Some analysts say this proposal could also be North Korea aiming to appease China, whose leaders have urged Pyongyang to rejoin international talks.

Pyongyang’s offer comes just days after planned talks with South Korea fell apart, scuttled because the two sides couldn’t agree on the rank of the negotiators who would represent them.

As it had offered South Korea, Pyongyang said the U.S. “can set the venue and date of the talks to its convenience.”

Within the region, the North maintains close diplomatic contact only with China. Policymakers in other Asian capitals, as well as in Washington, are still searching for a palatable way to deal with Kim Jong Un, the young supreme leader who inherited power of the North 18 months ago.

During that time, the North has tested an underground nuclear weapon, launched two long-range missiles and cut nearly all ties with the South. Some analysts in Seoul and Washington think engagement will help calm the North’s behavior. But they also worry the North could exploit any possible talks, making denuclearization agreements to win food or energy aid, then ignoring those agreements soon after.

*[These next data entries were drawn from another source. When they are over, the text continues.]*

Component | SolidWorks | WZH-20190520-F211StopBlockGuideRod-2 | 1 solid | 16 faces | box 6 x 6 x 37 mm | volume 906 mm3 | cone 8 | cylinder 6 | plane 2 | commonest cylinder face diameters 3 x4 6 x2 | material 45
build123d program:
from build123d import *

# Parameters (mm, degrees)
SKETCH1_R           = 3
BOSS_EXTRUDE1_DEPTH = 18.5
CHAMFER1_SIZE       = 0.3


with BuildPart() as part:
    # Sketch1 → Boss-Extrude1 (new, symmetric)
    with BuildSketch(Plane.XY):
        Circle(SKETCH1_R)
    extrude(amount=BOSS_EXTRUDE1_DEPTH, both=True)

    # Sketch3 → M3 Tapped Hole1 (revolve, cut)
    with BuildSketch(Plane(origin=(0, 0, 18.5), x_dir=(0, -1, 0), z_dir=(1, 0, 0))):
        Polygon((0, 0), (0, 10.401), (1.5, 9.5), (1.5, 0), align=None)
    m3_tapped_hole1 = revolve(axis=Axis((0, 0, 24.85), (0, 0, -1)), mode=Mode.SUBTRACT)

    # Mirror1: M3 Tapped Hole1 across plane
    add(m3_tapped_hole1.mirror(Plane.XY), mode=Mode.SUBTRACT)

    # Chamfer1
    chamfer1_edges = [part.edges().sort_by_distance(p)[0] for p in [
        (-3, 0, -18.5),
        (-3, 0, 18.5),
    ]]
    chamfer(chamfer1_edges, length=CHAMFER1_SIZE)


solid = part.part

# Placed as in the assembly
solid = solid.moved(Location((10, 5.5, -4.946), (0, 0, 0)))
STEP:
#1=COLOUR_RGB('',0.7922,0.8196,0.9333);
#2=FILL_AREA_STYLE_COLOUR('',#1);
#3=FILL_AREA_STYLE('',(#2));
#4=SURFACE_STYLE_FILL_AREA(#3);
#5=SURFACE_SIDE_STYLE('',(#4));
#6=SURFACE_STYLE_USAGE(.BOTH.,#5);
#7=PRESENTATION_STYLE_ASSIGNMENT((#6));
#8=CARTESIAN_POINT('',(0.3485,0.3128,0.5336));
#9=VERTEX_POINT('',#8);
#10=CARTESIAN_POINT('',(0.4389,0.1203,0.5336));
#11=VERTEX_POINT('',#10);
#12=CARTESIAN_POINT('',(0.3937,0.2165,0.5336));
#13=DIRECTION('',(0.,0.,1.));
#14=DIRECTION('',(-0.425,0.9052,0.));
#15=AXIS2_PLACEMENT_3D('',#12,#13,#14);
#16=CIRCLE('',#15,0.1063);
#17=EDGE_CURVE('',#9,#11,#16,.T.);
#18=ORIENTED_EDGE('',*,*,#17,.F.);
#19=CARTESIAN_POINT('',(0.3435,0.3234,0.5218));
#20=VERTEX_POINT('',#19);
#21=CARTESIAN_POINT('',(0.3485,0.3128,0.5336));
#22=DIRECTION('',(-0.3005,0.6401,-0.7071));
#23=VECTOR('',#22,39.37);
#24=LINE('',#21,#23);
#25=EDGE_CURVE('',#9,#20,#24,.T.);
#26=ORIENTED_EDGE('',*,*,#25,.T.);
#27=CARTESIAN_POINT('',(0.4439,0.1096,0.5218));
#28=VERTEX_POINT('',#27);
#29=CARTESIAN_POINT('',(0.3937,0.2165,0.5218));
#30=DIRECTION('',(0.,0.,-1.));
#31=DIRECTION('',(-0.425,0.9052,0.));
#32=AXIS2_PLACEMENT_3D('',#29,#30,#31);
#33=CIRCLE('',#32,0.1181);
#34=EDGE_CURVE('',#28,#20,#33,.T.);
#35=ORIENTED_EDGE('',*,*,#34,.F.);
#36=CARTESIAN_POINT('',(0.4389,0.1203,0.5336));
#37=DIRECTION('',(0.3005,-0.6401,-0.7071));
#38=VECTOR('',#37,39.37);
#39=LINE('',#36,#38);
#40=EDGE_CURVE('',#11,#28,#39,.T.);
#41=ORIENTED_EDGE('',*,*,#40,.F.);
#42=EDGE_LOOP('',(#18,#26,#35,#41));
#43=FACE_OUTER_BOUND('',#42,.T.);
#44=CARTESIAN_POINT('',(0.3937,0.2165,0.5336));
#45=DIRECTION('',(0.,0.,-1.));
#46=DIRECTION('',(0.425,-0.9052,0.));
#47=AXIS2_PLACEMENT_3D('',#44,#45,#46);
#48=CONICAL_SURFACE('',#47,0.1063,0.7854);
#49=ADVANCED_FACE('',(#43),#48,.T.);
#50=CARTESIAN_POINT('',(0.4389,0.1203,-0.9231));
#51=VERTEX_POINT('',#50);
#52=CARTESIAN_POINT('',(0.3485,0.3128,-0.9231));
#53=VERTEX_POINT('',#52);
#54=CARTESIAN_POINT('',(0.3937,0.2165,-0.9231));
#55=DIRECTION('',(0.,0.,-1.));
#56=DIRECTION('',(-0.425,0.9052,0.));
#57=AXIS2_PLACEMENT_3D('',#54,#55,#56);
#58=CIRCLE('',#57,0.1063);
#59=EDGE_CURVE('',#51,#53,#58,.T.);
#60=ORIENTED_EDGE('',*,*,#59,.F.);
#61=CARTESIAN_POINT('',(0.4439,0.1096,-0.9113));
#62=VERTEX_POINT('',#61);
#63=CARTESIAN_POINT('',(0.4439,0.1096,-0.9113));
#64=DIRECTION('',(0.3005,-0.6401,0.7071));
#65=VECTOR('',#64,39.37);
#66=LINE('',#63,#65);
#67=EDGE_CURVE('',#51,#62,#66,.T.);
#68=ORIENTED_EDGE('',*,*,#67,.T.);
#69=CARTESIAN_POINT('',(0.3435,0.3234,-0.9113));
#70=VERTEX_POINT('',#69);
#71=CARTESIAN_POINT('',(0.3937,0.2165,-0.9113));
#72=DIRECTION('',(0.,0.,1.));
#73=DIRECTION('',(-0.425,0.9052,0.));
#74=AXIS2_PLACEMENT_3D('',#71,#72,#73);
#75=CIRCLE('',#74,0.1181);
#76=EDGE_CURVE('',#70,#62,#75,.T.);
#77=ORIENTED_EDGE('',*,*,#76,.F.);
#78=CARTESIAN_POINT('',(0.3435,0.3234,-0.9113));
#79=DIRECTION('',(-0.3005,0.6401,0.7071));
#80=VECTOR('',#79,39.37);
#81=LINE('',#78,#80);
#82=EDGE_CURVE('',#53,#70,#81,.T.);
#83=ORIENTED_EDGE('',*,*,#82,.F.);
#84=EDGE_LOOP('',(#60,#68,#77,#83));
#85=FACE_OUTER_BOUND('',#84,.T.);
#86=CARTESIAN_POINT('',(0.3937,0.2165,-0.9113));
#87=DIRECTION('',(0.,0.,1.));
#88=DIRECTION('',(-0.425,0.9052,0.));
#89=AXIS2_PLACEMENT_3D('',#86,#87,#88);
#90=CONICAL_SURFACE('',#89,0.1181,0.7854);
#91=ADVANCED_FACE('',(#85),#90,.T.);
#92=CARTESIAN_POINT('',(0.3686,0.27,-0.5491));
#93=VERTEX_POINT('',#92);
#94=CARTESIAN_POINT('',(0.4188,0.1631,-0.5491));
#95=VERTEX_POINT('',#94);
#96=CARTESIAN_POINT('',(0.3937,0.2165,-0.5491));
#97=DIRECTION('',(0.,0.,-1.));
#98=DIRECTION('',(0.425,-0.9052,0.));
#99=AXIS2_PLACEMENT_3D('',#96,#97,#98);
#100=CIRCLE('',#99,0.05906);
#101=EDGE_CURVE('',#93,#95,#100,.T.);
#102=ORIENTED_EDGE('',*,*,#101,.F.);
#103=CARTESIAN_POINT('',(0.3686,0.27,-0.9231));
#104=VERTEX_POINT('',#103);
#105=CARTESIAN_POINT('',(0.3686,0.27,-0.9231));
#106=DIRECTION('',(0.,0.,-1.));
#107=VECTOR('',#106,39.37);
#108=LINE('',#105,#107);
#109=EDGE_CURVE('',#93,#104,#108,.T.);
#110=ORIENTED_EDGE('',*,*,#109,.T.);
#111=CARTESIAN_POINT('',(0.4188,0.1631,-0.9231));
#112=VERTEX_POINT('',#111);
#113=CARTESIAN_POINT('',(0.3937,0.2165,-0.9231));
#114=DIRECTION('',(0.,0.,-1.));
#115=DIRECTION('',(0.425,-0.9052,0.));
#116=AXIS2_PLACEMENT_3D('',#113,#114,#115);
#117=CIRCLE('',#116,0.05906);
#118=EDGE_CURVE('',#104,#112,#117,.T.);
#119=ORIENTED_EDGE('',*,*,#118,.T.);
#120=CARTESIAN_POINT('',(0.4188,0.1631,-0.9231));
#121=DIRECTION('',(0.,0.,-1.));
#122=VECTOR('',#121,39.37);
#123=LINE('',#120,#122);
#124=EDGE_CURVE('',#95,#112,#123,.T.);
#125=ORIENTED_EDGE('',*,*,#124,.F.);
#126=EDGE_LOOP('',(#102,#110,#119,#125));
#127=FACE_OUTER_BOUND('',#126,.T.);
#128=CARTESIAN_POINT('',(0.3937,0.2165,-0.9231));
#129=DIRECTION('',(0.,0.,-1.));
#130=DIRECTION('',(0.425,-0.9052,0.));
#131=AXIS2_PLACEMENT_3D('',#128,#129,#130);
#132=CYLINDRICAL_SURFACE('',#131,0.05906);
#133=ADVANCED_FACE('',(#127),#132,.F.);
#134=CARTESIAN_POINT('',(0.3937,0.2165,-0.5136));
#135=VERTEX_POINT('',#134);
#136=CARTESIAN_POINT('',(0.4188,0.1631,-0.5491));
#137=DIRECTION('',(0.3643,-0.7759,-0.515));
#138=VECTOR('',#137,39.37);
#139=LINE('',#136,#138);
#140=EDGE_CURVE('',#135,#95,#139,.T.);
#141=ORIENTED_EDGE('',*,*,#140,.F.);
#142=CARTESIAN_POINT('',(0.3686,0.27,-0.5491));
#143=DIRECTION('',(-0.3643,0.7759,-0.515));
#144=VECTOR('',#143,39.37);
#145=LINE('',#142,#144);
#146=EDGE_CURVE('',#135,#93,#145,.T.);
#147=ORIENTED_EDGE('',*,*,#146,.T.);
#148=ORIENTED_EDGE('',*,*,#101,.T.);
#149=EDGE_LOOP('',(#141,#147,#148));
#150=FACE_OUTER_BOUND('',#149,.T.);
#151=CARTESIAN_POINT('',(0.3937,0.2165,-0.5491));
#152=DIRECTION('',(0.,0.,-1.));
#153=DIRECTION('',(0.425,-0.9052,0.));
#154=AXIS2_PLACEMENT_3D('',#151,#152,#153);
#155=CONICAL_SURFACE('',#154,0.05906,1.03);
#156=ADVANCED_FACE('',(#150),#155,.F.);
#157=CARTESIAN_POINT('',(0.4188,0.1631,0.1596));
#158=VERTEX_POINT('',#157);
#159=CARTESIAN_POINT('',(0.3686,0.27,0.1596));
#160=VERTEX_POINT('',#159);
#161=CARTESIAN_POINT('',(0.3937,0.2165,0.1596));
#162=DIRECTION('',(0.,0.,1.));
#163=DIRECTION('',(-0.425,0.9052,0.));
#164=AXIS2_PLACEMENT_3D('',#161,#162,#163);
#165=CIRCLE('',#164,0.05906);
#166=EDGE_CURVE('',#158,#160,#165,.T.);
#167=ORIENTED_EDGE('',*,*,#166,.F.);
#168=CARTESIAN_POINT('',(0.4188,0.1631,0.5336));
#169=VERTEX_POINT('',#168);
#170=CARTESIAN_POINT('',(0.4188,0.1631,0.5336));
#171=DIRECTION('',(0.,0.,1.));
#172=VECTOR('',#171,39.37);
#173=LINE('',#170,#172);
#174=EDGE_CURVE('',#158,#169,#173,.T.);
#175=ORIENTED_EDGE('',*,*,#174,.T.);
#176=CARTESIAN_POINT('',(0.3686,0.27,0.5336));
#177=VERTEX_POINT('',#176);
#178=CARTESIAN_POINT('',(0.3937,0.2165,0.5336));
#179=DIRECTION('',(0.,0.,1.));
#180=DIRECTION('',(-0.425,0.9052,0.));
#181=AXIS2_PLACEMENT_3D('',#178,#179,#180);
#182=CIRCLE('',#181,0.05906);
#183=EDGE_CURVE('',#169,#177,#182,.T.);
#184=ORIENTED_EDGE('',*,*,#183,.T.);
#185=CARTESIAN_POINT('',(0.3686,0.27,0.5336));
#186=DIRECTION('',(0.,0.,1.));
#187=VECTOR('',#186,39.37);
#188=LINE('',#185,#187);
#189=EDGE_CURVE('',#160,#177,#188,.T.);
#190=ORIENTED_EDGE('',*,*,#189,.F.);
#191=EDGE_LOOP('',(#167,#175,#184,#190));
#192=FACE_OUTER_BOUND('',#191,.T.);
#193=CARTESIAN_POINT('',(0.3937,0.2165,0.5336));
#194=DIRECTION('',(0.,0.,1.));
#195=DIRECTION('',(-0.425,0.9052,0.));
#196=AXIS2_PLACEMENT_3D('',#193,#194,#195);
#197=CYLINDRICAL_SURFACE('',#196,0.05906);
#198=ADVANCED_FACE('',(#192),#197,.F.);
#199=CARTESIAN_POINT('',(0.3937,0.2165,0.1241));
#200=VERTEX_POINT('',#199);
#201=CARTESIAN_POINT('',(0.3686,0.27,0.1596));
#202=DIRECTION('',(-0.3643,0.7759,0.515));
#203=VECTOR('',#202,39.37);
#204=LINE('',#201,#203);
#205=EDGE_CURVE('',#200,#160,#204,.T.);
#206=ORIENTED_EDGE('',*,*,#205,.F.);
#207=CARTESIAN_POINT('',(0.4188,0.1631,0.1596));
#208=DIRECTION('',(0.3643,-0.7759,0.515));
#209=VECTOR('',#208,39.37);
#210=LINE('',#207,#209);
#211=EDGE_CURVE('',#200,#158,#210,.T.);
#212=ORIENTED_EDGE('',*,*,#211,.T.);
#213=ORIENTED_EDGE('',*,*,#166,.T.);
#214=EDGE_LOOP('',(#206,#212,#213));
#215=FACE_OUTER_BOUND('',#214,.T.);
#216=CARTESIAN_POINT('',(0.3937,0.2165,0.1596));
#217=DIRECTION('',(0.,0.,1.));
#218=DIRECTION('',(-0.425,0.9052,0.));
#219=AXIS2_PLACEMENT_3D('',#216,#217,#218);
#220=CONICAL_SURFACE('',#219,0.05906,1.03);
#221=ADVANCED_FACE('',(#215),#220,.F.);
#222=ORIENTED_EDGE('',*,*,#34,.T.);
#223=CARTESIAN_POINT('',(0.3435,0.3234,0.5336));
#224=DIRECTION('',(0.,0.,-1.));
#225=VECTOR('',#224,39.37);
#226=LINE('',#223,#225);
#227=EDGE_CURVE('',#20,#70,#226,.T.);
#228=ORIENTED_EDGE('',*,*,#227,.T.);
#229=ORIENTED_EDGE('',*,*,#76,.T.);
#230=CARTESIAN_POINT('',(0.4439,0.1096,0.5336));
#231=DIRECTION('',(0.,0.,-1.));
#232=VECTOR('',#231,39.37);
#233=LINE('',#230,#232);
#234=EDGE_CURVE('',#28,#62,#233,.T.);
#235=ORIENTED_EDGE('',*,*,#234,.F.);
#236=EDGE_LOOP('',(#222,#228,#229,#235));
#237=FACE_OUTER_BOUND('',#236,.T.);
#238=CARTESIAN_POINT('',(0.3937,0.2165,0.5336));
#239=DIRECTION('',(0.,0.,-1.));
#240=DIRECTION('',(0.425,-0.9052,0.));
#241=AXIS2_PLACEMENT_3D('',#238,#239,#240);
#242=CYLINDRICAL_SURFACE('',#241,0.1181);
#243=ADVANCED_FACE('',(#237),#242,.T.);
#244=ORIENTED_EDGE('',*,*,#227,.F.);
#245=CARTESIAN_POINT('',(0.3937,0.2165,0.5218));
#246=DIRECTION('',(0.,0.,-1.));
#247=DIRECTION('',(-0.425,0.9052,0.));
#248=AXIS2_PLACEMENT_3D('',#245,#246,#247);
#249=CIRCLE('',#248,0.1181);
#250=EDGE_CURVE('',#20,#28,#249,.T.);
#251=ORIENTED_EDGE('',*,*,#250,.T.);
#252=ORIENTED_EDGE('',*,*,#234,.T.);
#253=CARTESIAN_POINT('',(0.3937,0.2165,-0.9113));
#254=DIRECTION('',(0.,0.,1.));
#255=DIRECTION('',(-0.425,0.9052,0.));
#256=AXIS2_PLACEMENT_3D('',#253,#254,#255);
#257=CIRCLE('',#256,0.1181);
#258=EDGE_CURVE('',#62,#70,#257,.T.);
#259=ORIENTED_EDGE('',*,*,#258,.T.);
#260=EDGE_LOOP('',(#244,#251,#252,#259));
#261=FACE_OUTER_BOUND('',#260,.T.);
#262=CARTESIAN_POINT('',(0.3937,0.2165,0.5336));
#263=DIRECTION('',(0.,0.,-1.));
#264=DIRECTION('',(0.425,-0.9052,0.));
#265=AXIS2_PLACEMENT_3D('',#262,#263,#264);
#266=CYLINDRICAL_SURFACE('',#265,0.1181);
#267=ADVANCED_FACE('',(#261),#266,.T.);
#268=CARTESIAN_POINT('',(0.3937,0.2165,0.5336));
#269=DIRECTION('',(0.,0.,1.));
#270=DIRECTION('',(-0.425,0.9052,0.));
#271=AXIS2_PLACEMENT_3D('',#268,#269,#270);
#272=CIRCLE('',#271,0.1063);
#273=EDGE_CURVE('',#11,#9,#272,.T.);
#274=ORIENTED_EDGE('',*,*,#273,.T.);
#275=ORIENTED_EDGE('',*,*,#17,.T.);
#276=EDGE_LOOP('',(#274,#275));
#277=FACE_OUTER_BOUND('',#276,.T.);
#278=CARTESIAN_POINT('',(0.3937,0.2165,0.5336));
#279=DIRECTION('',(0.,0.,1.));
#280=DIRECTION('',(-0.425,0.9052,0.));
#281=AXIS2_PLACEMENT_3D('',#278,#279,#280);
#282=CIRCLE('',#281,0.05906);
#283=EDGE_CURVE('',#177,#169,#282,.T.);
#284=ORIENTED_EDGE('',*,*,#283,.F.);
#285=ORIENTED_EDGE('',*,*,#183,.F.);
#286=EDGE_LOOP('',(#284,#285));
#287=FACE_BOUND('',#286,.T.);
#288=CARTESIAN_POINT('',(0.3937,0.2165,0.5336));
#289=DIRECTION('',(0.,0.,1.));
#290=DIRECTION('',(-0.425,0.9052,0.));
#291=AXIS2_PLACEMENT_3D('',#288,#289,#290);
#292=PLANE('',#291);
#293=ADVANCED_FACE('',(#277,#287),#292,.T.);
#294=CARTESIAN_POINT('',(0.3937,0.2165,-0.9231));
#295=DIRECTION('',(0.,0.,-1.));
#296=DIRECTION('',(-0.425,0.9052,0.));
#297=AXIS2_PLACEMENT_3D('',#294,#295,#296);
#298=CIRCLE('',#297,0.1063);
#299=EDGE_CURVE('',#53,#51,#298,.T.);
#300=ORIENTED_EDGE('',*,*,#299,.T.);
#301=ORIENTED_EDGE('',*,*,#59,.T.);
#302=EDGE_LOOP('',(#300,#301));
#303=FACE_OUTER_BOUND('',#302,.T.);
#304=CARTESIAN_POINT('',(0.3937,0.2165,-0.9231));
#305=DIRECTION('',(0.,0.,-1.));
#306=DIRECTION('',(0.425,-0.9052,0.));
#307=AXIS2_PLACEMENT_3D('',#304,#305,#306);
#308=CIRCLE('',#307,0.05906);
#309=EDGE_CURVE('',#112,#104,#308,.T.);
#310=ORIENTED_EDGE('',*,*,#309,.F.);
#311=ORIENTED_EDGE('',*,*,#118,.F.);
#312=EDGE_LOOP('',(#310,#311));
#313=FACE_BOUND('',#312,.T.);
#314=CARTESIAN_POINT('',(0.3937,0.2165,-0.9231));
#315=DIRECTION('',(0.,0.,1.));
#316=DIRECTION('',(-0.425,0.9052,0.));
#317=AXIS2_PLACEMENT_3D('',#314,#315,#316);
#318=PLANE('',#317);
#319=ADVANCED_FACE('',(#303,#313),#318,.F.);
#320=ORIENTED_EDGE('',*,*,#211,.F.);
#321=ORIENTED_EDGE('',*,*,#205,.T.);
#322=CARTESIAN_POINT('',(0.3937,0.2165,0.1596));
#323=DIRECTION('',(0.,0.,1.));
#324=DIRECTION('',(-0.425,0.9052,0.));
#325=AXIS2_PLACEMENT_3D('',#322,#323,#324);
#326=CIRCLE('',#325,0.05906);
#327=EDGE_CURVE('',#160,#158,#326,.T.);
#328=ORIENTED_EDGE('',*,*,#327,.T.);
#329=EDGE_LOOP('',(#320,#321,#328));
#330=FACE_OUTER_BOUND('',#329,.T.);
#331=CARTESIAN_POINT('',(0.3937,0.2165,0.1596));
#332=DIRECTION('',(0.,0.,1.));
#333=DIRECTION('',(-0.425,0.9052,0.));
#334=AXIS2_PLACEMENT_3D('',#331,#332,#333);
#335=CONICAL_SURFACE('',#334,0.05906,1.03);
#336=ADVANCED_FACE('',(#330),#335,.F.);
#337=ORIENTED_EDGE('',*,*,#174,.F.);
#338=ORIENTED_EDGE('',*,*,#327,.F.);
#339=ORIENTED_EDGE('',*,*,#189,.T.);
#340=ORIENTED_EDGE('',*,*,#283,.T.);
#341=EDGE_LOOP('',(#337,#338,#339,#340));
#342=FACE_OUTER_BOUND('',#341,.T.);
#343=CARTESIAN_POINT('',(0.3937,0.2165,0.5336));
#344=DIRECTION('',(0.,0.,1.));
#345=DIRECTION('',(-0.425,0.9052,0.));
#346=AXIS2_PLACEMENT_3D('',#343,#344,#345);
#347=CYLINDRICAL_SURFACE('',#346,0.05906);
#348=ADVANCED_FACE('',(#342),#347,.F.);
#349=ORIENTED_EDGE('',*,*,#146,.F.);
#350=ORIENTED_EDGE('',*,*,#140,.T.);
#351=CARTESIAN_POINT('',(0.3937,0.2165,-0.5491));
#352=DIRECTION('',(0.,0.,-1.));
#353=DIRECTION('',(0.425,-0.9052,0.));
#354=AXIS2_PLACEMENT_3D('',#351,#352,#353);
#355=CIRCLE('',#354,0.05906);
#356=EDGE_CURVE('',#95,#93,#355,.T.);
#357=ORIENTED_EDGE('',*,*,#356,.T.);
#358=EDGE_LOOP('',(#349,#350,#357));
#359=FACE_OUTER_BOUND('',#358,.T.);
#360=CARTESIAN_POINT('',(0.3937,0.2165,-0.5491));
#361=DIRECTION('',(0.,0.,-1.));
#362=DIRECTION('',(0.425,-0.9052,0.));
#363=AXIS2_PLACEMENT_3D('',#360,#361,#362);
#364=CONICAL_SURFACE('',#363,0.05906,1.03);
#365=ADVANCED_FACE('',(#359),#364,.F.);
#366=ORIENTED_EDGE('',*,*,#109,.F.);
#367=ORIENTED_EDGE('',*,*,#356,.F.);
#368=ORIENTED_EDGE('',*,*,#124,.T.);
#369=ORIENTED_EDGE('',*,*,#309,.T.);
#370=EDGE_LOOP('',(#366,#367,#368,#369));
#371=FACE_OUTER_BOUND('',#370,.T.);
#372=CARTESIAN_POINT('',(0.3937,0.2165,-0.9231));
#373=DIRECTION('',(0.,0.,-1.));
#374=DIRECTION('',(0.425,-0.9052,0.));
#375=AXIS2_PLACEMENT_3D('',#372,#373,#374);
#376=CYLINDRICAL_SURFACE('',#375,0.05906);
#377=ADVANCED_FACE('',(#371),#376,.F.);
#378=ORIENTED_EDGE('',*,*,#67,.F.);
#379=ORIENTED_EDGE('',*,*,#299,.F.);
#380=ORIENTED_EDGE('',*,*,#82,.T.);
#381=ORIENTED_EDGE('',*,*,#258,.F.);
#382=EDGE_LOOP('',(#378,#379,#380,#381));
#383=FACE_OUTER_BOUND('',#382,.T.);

The U.S. last held senior-level dialogue with the North in February 2012, talks that led to apparent breakthrough deal in which the North would cease weapons tests and freeze key aspects of its nuclear program in exchange for 240,000 metric tons of food aid. The deal soon fell apart, though, when the North said it would conduct a satellite launch – what the U.S. and others called a de facto intercontinental ballistic missile test.

Over the last two decades, the U.S. and North Korea have made several attempts to strike a grand bargain, one in which the nations normalize relations and work out a peace treaty. But such efforts have broken down over disputes about the North’s weapons program.

The Korean War ended 60 years because of an armistice deal, not a peace treaty.